Raw Materials’ Technological Characteristics

SOE marker calculation. All the analyses were carried out using a UV-Vis online apparatus (UV–Vis 1601 Shimadzu Europa, Duisburg, Germany; maximum of 366 nm, 1 cm cell). Quercetin equivalents (Q), chosen as the UV marker, and SOE concentration were calculated according to ICH (Q2 (R1)) guidelines (percent relative standard deviation statistical validation (% RSD)) using the Lambert–Beer law (USP 37) as follows:

E1%= 1 cm × c × l

(1)

where E1% 1 cm is the absorbance of 1 g/100 mL (1% w/v) solution in a 1 cm cell; c is the concentration of the solution (g/100 mL); and l is the cell pathlength of the held sample.

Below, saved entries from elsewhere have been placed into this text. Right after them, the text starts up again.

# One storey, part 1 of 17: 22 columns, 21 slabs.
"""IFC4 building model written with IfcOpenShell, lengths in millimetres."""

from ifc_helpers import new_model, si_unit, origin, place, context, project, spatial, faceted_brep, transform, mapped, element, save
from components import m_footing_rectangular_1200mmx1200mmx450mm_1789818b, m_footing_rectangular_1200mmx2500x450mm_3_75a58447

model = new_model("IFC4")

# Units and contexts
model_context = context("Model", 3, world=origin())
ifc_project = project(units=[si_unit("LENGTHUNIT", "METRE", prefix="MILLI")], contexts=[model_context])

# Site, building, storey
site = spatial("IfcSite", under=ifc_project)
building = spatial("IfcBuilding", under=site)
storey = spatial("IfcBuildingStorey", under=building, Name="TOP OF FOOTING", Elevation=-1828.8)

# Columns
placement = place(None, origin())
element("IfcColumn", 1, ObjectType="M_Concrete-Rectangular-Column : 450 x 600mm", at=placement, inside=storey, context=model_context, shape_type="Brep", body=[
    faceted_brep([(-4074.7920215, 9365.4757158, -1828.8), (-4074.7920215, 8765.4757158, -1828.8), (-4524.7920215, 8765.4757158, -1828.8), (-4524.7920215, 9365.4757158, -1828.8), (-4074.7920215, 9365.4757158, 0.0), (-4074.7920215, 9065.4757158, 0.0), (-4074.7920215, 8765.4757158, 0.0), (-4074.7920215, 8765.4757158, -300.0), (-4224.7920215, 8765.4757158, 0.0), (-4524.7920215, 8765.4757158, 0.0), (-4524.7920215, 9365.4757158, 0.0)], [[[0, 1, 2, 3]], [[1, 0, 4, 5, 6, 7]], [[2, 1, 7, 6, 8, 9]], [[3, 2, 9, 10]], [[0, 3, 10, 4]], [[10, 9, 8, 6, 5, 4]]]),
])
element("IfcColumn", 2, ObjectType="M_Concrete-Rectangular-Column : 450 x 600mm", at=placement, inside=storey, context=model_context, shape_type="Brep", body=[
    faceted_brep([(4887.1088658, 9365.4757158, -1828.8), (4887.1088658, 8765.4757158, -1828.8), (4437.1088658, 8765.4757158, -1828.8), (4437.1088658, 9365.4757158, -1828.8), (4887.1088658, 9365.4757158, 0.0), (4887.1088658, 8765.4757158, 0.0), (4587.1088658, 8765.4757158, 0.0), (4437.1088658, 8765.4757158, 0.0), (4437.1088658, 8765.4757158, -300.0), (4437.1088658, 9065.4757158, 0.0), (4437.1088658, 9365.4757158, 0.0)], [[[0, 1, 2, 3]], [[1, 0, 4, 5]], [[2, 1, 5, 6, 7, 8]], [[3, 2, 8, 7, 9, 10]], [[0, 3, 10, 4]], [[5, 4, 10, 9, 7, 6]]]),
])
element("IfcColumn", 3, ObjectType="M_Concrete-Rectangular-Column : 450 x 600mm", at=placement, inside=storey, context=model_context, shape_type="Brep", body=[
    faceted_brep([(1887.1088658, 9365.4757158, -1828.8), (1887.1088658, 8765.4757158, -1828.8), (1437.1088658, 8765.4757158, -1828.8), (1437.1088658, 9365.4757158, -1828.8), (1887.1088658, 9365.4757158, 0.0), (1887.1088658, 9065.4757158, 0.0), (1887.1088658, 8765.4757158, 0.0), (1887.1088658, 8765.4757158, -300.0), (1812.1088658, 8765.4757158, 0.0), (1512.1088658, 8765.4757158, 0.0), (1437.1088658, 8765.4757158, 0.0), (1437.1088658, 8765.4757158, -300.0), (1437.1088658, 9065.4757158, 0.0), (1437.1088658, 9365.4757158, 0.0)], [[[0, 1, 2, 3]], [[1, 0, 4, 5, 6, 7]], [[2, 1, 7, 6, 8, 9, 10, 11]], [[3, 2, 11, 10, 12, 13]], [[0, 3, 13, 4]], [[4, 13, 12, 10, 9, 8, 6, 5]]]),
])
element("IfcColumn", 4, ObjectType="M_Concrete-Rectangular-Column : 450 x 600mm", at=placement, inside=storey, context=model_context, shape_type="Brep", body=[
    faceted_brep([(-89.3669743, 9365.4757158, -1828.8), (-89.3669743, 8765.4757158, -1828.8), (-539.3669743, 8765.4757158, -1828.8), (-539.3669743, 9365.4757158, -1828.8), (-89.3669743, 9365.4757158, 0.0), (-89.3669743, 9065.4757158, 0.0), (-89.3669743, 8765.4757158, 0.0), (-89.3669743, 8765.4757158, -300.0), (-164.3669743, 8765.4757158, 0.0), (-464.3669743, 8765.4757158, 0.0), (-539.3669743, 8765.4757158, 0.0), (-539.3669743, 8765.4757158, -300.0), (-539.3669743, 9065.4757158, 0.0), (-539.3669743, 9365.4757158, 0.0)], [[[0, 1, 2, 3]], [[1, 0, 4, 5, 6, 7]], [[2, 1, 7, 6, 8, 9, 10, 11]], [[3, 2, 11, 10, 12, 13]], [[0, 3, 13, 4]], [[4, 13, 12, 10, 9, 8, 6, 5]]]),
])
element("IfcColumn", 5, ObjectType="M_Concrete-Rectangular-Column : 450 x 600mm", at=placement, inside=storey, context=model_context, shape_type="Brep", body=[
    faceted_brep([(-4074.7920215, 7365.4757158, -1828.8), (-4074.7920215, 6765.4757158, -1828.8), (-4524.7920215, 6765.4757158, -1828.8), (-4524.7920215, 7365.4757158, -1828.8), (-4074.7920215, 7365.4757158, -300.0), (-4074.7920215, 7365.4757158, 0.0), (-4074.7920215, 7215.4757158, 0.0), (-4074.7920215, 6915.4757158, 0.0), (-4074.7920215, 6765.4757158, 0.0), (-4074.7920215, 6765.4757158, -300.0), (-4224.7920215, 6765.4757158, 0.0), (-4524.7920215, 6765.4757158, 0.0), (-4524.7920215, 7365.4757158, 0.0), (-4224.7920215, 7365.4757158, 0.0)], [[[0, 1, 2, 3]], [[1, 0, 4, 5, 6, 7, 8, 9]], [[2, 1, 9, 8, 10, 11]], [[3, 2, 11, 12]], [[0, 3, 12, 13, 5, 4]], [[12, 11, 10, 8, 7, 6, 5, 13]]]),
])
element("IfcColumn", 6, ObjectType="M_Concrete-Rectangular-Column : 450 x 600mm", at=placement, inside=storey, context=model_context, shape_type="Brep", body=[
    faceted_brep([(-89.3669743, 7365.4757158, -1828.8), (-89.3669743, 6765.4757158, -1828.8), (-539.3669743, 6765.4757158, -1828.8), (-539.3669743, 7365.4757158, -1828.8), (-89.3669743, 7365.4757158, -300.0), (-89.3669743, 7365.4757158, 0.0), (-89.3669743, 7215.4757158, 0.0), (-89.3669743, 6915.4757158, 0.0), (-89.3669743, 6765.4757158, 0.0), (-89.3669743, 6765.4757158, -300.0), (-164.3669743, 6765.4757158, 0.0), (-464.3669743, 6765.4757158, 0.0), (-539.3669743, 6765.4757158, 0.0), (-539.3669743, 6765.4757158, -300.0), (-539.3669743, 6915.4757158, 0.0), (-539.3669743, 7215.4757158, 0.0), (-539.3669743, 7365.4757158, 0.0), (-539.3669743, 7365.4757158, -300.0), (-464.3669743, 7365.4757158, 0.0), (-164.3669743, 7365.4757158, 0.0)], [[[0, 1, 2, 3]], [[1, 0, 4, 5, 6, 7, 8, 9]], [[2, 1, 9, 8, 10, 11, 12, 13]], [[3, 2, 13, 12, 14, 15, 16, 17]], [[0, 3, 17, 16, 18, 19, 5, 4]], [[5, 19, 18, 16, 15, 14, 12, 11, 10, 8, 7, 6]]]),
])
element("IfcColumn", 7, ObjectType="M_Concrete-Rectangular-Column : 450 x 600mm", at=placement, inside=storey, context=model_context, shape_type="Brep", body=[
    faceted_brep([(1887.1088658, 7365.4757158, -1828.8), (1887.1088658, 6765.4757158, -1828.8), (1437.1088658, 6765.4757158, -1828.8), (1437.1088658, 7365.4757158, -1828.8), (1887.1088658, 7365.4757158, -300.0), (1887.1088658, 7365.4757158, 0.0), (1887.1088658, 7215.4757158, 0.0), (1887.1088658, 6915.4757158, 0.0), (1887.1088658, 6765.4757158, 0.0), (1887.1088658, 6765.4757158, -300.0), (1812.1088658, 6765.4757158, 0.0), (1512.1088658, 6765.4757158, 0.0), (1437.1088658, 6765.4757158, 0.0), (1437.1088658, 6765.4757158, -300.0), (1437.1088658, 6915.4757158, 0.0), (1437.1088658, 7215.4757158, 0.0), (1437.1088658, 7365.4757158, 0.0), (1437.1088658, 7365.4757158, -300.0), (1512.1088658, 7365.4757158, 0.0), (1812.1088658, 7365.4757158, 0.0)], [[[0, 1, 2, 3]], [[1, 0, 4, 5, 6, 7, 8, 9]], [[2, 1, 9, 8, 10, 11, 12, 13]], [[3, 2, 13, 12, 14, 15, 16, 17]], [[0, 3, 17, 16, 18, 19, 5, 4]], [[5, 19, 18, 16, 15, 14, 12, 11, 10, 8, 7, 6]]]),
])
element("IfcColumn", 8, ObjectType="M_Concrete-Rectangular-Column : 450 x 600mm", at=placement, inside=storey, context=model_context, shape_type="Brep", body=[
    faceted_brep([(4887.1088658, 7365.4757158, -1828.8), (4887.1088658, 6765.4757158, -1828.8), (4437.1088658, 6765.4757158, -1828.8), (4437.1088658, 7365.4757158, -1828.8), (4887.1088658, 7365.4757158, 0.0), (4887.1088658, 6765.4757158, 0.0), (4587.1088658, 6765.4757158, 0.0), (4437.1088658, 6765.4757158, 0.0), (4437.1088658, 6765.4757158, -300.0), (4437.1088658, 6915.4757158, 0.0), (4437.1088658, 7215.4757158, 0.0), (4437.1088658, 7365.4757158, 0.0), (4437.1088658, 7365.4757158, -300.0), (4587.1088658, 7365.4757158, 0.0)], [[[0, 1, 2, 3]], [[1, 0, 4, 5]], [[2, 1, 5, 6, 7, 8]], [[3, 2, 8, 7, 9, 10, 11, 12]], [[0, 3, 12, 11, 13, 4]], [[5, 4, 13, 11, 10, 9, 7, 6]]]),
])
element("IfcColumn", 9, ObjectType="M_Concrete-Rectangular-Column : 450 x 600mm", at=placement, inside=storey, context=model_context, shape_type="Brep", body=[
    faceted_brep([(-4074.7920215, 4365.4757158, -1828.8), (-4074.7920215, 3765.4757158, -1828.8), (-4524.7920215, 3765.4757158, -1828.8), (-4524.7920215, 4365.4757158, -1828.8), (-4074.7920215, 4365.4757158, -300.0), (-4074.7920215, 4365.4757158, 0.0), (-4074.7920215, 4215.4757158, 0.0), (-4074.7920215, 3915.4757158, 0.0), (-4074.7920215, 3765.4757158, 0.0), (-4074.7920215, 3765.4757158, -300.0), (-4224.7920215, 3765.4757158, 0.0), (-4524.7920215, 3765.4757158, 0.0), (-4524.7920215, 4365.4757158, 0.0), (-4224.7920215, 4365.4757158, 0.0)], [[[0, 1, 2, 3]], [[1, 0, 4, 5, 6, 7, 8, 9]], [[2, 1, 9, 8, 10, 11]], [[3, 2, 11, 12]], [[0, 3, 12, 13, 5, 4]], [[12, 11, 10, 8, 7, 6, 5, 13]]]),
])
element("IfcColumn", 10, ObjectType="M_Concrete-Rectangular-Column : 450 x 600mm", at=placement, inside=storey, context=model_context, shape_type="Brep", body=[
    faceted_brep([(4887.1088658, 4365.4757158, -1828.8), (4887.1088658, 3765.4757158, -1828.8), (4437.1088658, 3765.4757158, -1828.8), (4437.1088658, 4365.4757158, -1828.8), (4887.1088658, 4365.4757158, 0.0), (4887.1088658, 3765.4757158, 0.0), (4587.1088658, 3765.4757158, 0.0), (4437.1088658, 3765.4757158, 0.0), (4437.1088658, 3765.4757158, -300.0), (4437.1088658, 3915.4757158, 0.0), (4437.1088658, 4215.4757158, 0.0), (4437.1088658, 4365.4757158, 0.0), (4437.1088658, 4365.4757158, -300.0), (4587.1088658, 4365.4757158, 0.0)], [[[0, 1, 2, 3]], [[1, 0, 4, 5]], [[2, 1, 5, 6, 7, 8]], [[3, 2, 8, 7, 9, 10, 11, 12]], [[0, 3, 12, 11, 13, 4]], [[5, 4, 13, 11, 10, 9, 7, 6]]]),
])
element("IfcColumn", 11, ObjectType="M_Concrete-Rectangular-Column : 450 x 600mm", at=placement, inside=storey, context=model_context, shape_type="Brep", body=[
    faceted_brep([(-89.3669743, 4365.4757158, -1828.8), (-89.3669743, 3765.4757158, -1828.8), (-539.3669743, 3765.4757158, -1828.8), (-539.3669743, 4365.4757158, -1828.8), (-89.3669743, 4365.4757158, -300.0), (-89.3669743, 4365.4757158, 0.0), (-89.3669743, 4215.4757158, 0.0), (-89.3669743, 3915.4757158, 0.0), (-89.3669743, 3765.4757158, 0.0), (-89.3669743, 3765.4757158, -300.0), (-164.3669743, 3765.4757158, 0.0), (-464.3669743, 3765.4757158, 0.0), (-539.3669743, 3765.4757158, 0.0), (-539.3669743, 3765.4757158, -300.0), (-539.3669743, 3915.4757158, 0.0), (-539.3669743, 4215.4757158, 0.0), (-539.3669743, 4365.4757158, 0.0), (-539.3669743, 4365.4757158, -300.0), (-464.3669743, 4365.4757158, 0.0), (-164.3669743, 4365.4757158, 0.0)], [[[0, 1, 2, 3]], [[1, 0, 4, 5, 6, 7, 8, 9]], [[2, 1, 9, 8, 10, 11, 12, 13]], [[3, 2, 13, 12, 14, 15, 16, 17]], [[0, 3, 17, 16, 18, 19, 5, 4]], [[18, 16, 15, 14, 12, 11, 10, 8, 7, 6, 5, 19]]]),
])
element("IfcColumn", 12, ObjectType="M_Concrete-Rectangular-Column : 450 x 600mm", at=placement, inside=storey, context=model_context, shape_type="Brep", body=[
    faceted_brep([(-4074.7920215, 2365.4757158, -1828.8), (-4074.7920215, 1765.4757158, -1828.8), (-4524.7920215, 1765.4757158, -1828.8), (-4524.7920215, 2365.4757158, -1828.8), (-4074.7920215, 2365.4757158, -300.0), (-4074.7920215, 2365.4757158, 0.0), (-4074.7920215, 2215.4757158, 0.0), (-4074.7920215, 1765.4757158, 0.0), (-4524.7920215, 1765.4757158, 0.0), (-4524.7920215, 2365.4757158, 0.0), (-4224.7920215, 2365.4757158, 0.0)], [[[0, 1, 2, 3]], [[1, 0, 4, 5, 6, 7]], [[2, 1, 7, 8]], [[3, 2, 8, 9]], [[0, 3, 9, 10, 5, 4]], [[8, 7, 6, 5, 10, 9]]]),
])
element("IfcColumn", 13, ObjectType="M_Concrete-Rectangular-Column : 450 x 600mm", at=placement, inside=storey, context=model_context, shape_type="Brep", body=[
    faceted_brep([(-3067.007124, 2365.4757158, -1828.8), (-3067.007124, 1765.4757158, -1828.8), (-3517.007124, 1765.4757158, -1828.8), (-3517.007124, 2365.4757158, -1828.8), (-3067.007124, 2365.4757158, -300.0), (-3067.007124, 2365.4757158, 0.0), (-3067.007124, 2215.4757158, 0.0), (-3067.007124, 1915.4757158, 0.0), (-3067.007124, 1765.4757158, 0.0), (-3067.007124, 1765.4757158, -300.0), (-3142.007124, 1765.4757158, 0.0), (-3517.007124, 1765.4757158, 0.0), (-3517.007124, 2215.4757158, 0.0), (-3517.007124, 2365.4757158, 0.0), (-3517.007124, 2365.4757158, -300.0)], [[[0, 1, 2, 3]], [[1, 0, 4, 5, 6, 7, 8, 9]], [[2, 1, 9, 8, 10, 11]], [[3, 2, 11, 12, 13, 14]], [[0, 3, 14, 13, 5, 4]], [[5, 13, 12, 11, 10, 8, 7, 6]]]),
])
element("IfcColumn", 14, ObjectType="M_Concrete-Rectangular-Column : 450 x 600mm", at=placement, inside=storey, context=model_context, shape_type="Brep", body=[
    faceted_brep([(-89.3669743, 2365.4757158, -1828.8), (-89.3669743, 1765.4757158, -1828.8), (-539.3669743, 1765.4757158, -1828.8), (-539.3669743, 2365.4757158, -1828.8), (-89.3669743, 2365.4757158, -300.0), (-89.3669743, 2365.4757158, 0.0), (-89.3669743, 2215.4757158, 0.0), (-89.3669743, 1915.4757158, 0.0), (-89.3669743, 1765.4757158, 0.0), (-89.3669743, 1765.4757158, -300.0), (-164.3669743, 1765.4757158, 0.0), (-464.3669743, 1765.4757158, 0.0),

SOE water solubility: Excess extract (120.0 mg) was introduced into a flask containing 12 mL of water. The sample was shaken for 3 days at 25 °C (the shake flask method) [20] and filtered (0.45 μm filter), and the supernatant solution was examined at 366 nm (UV–Vis apparatus, 1 cm cell) to determine the amount of dissolved extract. Each analysis was carried out in triplicate.

SOE in vitro dissolution test: In this test, 3.0 g of SOE, corresponding to 300.0 mg of Q, was dissolved in 1000 mL of water (SOTAX AT Smart Apparatus, Basel, Switzerland) and assessed with an online spectrophotometer at 366 (Lambda 25 UV–Vis spectrometer, Perkin-Elmer Instruments, MA, USA) and USP 37 dissolution test apparatus (n.2: paddle, 100 rpm at 37 °C). All the dissolution/release tests were carried out in triplicate under “sink conditions”. In the graph, the mean values are reported (standard deviations < 5%).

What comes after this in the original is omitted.